Monday, August 23, 2010

Before the Ottoman Empire

Looking back on a era all but forgotten . . . . . .

In Julian Barnes book, “A History of the World in 10½ Chapters,” he wrote: “Does history repeat itself, the first time as tragedy, the second time as farce? No, that’s too grand. History just burps, and we taste again that raw onion sandwich it swallowed centuries ago.”

Ambrose Bierce wrote “history is an account, mostly false, of events, mostly unimportant, which are brought about by rulers, mostly knaves, and soldiers, mostly fools.”

These sneering cynics may or may not be serious, but their mocking take on history is too sarcastic and disparaging for me. I have been a lover of history from the grade school text that started with: “In fourteen hundred ninety-two/ Columbus sailed the ocean blue.”

Columbus’ tale has been told by hundreds of historians in many languages from all points of view. Some have seen him as a saint and God’s apostle. While others see him as a savage adventurer-explorer. When you round out the edges, he was definitely both of these and more. He was a man who became a legend. Most of history is a record of facts that evolved from myths and legend, or the village storytellers. After forms of writing developed, someone said: let’s write this down.

Back a few years (when the Byzantines were in charge of most of the “known” world), illiteracy among their middle and upper classes was all but unknown. Citizens of Constantinople could read and usually more than one language. The Byzantium Empire, through its kings and queens, saved a great deal of the ancient (mostly Greek and Persian) literature, mathematics and the sciences from the Iberian Peninsula to the shores of India.

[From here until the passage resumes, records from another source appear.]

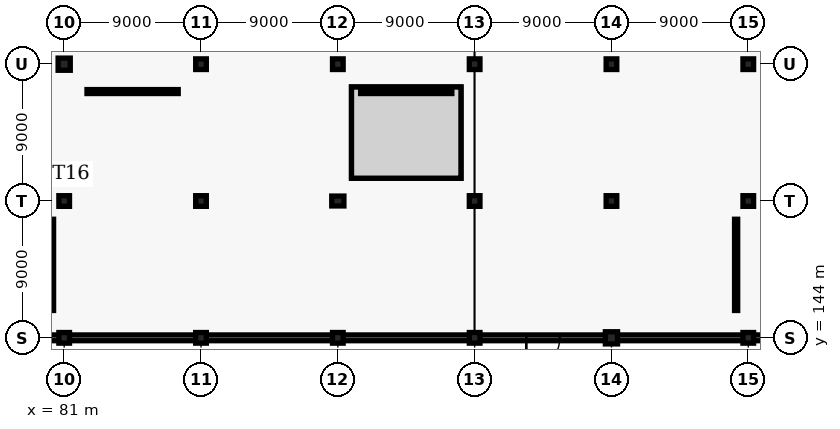
"""IFC4 building model, lengths in metres.
Left out: names, types, materials, properties, quantities, classifications, styles, units other than length and angle.
Written with IfcOpenShell. Run it as: python <this file> out.ifc"""

import sys

from ifc_helpers import new_model, si_unit, direction, frame, frame_2d, origin, origin_2d, place, context, subcontext, project, spatial, rectangle, circle, extrude, element, fill, save


model = new_model("IFC4")
c1 = context("Model", 3, precision=1e-05, world=origin(), true_north=direction((0.0, 1.0)))
c2 = subcontext(c1, "Body", "Model", "MODEL_VIEW")
j1 = project(units=[si_unit("LENGTHUNIT", "METRE"), si_unit("PLANEANGLEUNIT", "RADIAN")], contexts=[c1])
p1 = place(None, origin())
s1 = spatial("IfcSite", under=j1, at=p1, CompositionType="ELEMENT")
p2 = place(p1, origin())
s2 = spatial("IfcBuilding", under=s1, at=p2, CompositionType="ELEMENT")
p3 = place(p2, origin())
s3 = spatial("IfcBuildingStorey", under=s2, at=p3, CompositionType="ELEMENT", Elevation=0.0)
for number, where, z_axis, x_axis in (
    (1, (81.0, 144.0, 0.0), (0.0, 0.0, 1.0), (1.0, 0.0, 0.0)),
    (2, (81.0, 153.0, 0.0), (0.0, 0.0, 1.0), (1.0, 0.0, 0.0)),
):
    element("IfcColumn", number, at=place(p3, frame(where, z_axis=z_axis, x_axis=x_axis)), inside=s3, PredefinedType="COLUMN", context=c2, shape_type="SweptSolid", body=[
        extrude(rectangle(XDim=0.7, YDim=0.7, at=origin_2d()), origin(), (0.0, 0.0, 1.0), 5.4),
    ])
p4 = place(p3, frame((81.0, 162.0, 0.0), z_axis=(0.0, 0.0, 1.0), x_axis=(1.0, 0.0, 0.0)))
e3 = element("IfcColumn", 3, at=p4, inside=s3, PredefinedType="COLUMN", context=c2, shape_type="SweptSolid", body=[
    extrude(circle(Radius=0.4, at=origin_2d()), origin(), (0.0, 0.0, 1.0), 5.4),
])
for number, where, z_axis, x_axis in (
    (4, (90.0, 144.0, 0.0), (0.0, 0.0, 1.0), (1.0, 0.0, 0.0)),
    (5, (90.0, 153.0, 0.0), (0.0, 0.0, 1.0), (1.0, 0.0, 0.0)),
    (6, (90.0, 162.0, 0.0), (0.0, 0.0, 1.0), (1.0, 0.0, 0.0)),
    (7, (99.0, 144.0, 0.0), (0.0, 0.0, 1.0), (1.0, 0.0, 0.0)),
):
    element("IfcColumn", number, at=place(p3, frame(where, z_axis=z_axis, x_axis=x_axis)), inside=s3, PredefinedType="COLUMN", context=c2, shape_type="SweptSolid", body=[
        extrude(rectangle(XDim=0.7, YDim=0.7, at=origin_2d()), origin(), (0.0, 0.0, 1.0), 5.4),
    ])
p5 = place(p3, frame((99.0, 153.0, 0.0), z_axis=(0.0, 0.0, 1.0), x_axis=(1.0, 0.0, 0.0)))
e8 = element("IfcColumn", 8, at=p5, inside=s3, PredefinedType="COLUMN", context=c2, shape_type="SweptSolid", body=[
    extrude(rectangle(XDim=0.8, YDim=0.65, at=origin_2d()), origin(), (0.0, 0.0, 1.0), 5.4),
])
for number, where, z_axis, x_axis in (
    (9, (99.0, 162.0, 0.0), (0.0, 0.0, 1.0), (1.0, 0.0, 0.0)),
    (10, (108.0, 144.0, 0.0), (0.0, 0.0, 1.0), (1.0, 0.0, 0.0)),
    (11, (108.0, 153.0, 0.0), (0.0, 0.0, 1.0), (1.0, 0.0, 0.0)),
    (12, (108.0, 162.0, 0.0), (0.0, 0.0, 1.0), (1.0, 0.0, 0.0)),
):
    element("IfcColumn", number, at=place(p3, frame(where, z_axis=z_axis, x_axis=x_axis)), inside=s3, PredefinedType="COLUMN", context=c2, shape_type="SweptSolid", body=[
        extrude(rectangle(XDim=0.7, YDim=0.7, at=origin_2d()), origin(), (0.0, 0.0, 1.0), 5.4),
    ])
p6 = place(p3, frame((117.0, 144.0, 0.0), z_axis=(0.0, 0.0, 1.0), x_axis=(1.0, 0.0, 0.0)))
e13 = element("IfcColumn", 13, at=p6, inside=s3, PredefinedType="COLUMN", context=c2, shape_type="SweptSolid", body=[
    extrude(circle(Radius=0.4, at=origin_2d()), origin(), (0.0, 0.0, 1.0), 5.4),
])
for number, where, z_axis, x_axis in (
    (14, (117.0, 153.0, 0.0), (0.0, 0.0, 1.0), (1.0, 0.0, 0.0)),
    (15, (117.0, 162.0, 0.0), (0.0, 0.0, 1.0), (1.0, 0.0, 0.0)),
    (16, (126.0, 144.0, 0.0), (0.0, 0.0, 1.0), (1.0, 0.0, 0.0)),
    (17, (126.0, 153.0, 0.0), (0.0, 0.0, 1.0), (1.0, 0.0, 0.0)),
    (18, (126.0, 162.0, 0.0), (0.0, 0.0, 1.0), (1.0, 0.0, 0.0)),
):
    element("IfcColumn", number, at=place(p3, frame(where, z_axis=z_axis, x_axis=x_axis)), inside=s3, PredefinedType="COLUMN", context=c2, shape_type="SweptSolid", body=[
        extrude(rectangle(XDim=0.7, YDim=0.7, at=origin_2d()), origin(), (0.0, 0.0, 1.0), 5.4),
    ])
for number, where, z_axis, x_axis in (
    (19, (72.06, 144.0, 0.0), (0.0, 0.0, 1.0), (1.0, 0.0, 0.0)),
    (20, (81.06, 144.0, 0.0), (0.0, 0.0, 1.0), (1.0, 0.0, 0.0)),
    (21, (90.06, 144.0, 0.0), (0.0, 0.0, 1.0), (1.0, 0.0, 0.0)),
    (22, (99.06, 144.0, 0.0), (0.0, 0.0, 1.0), (1.0, 0.0, 0.0)),
):
    element("IfcWall", number, at=place(p3, frame(where, z_axis=z_axis, x_axis=x_axis)), inside=s3, PredefinedType="SOLIDWALL", context=c2, shape_type="SweptSolid", body=[
        extrude(rectangle(XDim=8.88, YDim=0.38, at=frame_2d((4.44, 0.0))), origin(), (0.0, 0.0, 1.0), 4.55),
    ])
p7 = place(p3, frame((108.06, 144.0, 0.0), z_axis=(0.0, 0.0, 1.0), x_axis=(1.0, 0.0, 0.0)))
e23 = element("IfcWall", 23, at=p7, inside=s3, PredefinedType="SOLIDWALL", context=c2, shape_type="SweptSolid", body=[
    extrude(rectangle(XDim=8.88, YDim=0.38, at=frame_2d((4.44, 0.0))), origin(), (0.0, 0.0, 1.0), 4.55),
])
p8 = place(p7, frame((3.34, 0.0, 0.0)))
e24 = element("IfcOpeningElement", 24, at=p8, cuts=e23, PredefinedType="OPENING", context=c2, shape_type="SweptSolid", body=[
    extrude(rectangle(XDim=2.2, YDim=2.4, at=frame_2d((1.1, 1.2))), frame((0.0, 0.2, 0.0), z_axis=(0.0, -1.0, 0.0), x_axis=(1.0, 0.0, 0.0)), (0.0, 0.0, 1.0), 0.4),
])
for number, where, z_axis, x_axis in (
    (25, (117.06, 144.0, 0.0), (0.0, 0.0, 1.0), (1.0, 0.0, 0.0)),
    (26, (126.06, 144.0, 0.0), (0.0, 0.0, 1.0), (1.0, 0.0, 0.0)),
):
    element("IfcWall", number, at=place(p3, frame(where, z_axis=z_axis, x_axis=x_axis)), inside=s3, PredefinedType="SOLIDWALL", context=c2, shape_type="SweptSolid", body=[
        extrude(rectangle(XDim=8.88, YDim=0.38, at=frame_2d((4.44, 0.0))), origin(), (0.0, 0.0, 1.0), 4.55),
    ])
p9 = place(p3, frame((82.5, 160.2, 0.0), z_axis=(0.0, 0.0, 1.0), x_axis=(1.0, 0.0, 0.0)))
e27 = element("IfcWall", 27, at=p9, inside=s3, PredefinedType="PARTITIONING", context=c2, shape_type="SweptSolid", body=[
    extrude(rectangle(XDim=6.0, YDim=0.26, at=frame_2d((3.0, 0.0))), origin(), (0.0, 0.0, 1.0), 4.3),
])
p10 = place(p9, frame((2.1, 0.0, 0.0)))
e28 = element("IfcOpeningElement", 28, at=p10, cuts=e27, PredefinedType="OPENING", context=c2, shape_type="SweptSolid", body=[
    extrude(rectangle(XDim=1.8, YDim=2.4, at=frame_2d((0.9, 1.2))), frame((0.0, 0.14, 0.0), z_axis=(0.0, -1.0, 0.0), x_axis=(1.0, 0.0, 0.0)), (0.0, 0.0, 1.0), 0.28),
])
p11 = place(p3, frame((100.5, 160.2, 0.0), z_axis=(0.0, 0.0, 1.0), x_axis=(1.0, 0.0, 0.0)))
e29 = element("IfcWall", 29, at=p11, inside=s3, PredefinedType="PARTITIONING", context=c2, shape_type="SweptSolid", body=[
    extrude(rectangle(XDim=6.0, YDim=0.26, at=frame_2d((3.0, 0.0))), origin(), (0.0, 0.0, 1.0), 4.3),
])
p12 = place(p11, frame((2.025, 0.0, 0.0)))
e30 = element("IfcOpeningElement", 30, at=p12, cuts=e29, PredefinedType="OPENING", context=c2, shape_type="SweptSolid", body=[
    extrude(rectangle(XDim=1.95, YDim=2.5, at=frame_2d((0.975, 1.25))), frame((0.0, 0.14, 0.0), z_axis=(0.0, -1.0, 0.0), x_axis=(1.0, 0.0, 0.0)), (0.0, 0.0, 1.0), 0.28),
])
p13 = place(p3, frame((80.2, 145.8, 0.0), z_axis=(0.0, 0.0, 1.0), x_axis=(0.0, 1.0, 0.0)))
e31 = element("IfcWall", 31, at=p13, inside=s3, PredefinedType="PARTITIONING", context=c2, shape_type="SweptSolid", body=[
    extrude(rectangle(XDim=6.0, YDim=0.205, at=frame_2d((3.0, 0.0))), origin(), (0.0, 0.0, 1.0), 4.3),
])
p14 = place(p13, frame((2.1, 0.0, 0.0)))
e32 = element("IfcOpeningElement", 32, at=p14, cuts=e31, PredefinedType="OPENING", context=c2, shape_type="SweptSolid", body=[
    extrude(rectangle(XDim=1.8, YDim=2.4, at=frame_2d((0.9, 1.2))), frame((0.0, 0.113, 0.0), z_axis=(0.0, -1.0, 0.0), x_axis=(1.0, 0.0, 0.0)), (0.0, 0.0, 1.0), 0.225),
])
p15 = place(p3, frame((125.2, 145.8, 0.0), z_axis=(0.0, 0.0, 1.0), x_axis=(0.0, 1.0, 0.0)))
e33 = element("IfcWall", 33, at=p15, inside=s3, PredefinedType="PARTITIONING", context=c2, shape_type="SweptSolid", body=[
    extrude(rectangle(XDim=6.0, YDim=0.205, at=frame_2d((3.0, 0.0))), origin(), (0.0, 0.0, 1.0), 4.3),
])
p16 = place(p15, frame((2.1, 0.0, 0.0)))
e34 = element("IfcOpeningElement", 34, at=p16, cuts=e33, PredefinedType="OPENING", context=c2, shape_type="SweptSolid", body=[
    extrude(rectangle(XDim=1.8, YDim=2.4, at=frame_2d((0.9, 1.2))), frame((0.0, 0.113, 0.0), z_axis=(0.0, -1.0, 0.0), x_axis=(1.0, 0.0, 0.0)), (0.0, 0.0, 1.0), 0.225),
])
p17 = place(p8, frame((2.2, 0.0, 0.0), z_axis=(0.0, 0.0, 1.0), x_axis=(-1.0, 0.0, 0.0)))
e35 = element("IfcDoor", 35, at=p17, inside=s3, OperationType="DOUBLE_DOOR_SINGLE_SWING", PredefinedType="DOOR", context=c2, shape_type="SweptSolid", body=[
    extrude(rectangle(XDim=2.2, YDim=2.4, at=frame_2d((1.1, 1.2))), frame((0.0, 0.025, 0.0), z_axis=(0.0, -1.0, 0.0), x_axis=(1.0, 0.0, 0.0)), (0.0, 0.0, 1.0), 0.05),
])
fill(e24, e35)
p18 = place(p10, origin())
e36 = element("IfcDoor", 36, at=p18, inside=s3, OperationType="SLIDING_TO_LEFT", PredefinedType="DOOR", context=c2, shape_type="SweptSolid", body=[
    extrude(rectangle(XDim=1.8, YDim=2.4, at=frame_2d((0.9, 1.2))), frame((0.0, 0.025, 0.0), z_axis=(0.0, -1.0, 0.0), x_axis=(1.0, 0.0, 0.0)), (0.0, 0.0, 1.0), 0.05),
])
fill(e28, e36)
p19 = place(p12, origin())
e37 = element("IfcDoor", 37, at=p19, inside=s3, OperationType="SLIDING_TO_RIGHT", PredefinedType="DOOR", context=c2, shape_type="SweptSolid", body=[
    extrude(rectangle(XDim=1.95, YDim=2.5, at=frame_2d((0.975, 1.25))), frame((0.0, 0.025, 0.0), z_axis=(0.0, -1.0, 0.0), x_axis=(1.0, 0.0, 0.0)), (0.0, 0.0, 1.0), 0.05),
])
fill(e30, e37)
p20 = place(p14, origin())
e38 = element("IfcDoor", 38, at=p20, inside=s3, OperationType="SLIDING_TO_RIGHT", PredefinedType="DOOR", context=c2, shape_type="SweptSolid", body=[
    extrude(rectangle(XDim=1.8, YDim=2.4, at=frame_2d((0.9, 1.2))), frame((0.0, 0.025, 0.0), z_axis=(0.0, -1.0, 0.0), x_axis=(1.0, 0.0, 0.0)), (0.0, 0.0, 1.0), 0.05),
])
fill(e32, e38)
p21 = place(p16, origin())
e39 = element("IfcDoor", 39, at=p21, inside=s3, OperationType="SLIDING_TO_LEFT", PredefinedType="DOOR", context=c2, shape_type="SweptSolid", body=[
    extrude(rectangle(XDim=1.8, YDim=2.4, at=frame_2d((0.9, 1.2))), frame((0.0, 0.025, 0.0), z_axis=(0.0, -1.0, 0.0), x_axis=(1.0, 0.0, 0.0)), (0.0, 0.0, 1.0), 0.05),
])
fill(e34, e39)
save(model, sys.argv[1])

Here is where we have a problem with history. Writers of history are nearly always the winners of wars, we seldom get the losers story. Add to that short-coming is that men did most or all of the recording of history. Finding a woman’s view of anything is of rather recent invention.

The Roman Empire of the East was founded by Constantine the Great on the eleventh of May in the year 330. The Christian faith was made a legal and honored religion. Viewed as a good thing in those days, history has shown worldly, material power has a weakening effect on the faith. The Christian faith may have spread faster with deeper spiritual roots had they not become dominate in politics. In those days a nation or village had to have a god, goddess or some version of religion. Even the pagans seemed to have a union or distinct denominations.

Empires do not last forever. This is evident following Columbus’ “discovery” as all the New World empires slowly disappeared. The Byzantium Empire came to an end on Tuesday, May 29, 1453. During those 1,123 years, the kingdom was led by some great, courageous men and women, who spread the Christian faith as far as Vienna and Moscow (Russ), and eastward to Baghdad and south to Egypt. But mixed with politics lost much of its spirit and true meaning.

Sidelights and footnotes of history are sometimes the most interesting reading. To the Greek world ‘Tuesday’ (the day of the week on which the Turks defeated Constanople) is still believed to be the unluckiest day of the week. That is why the Turkish flag “still depicts not a crescent but a waning moon, reminding us that the moon was in the last quarter when Constantinople finally fell, … [and] stands as the city’s grandest and most tragic monument” (Norwich).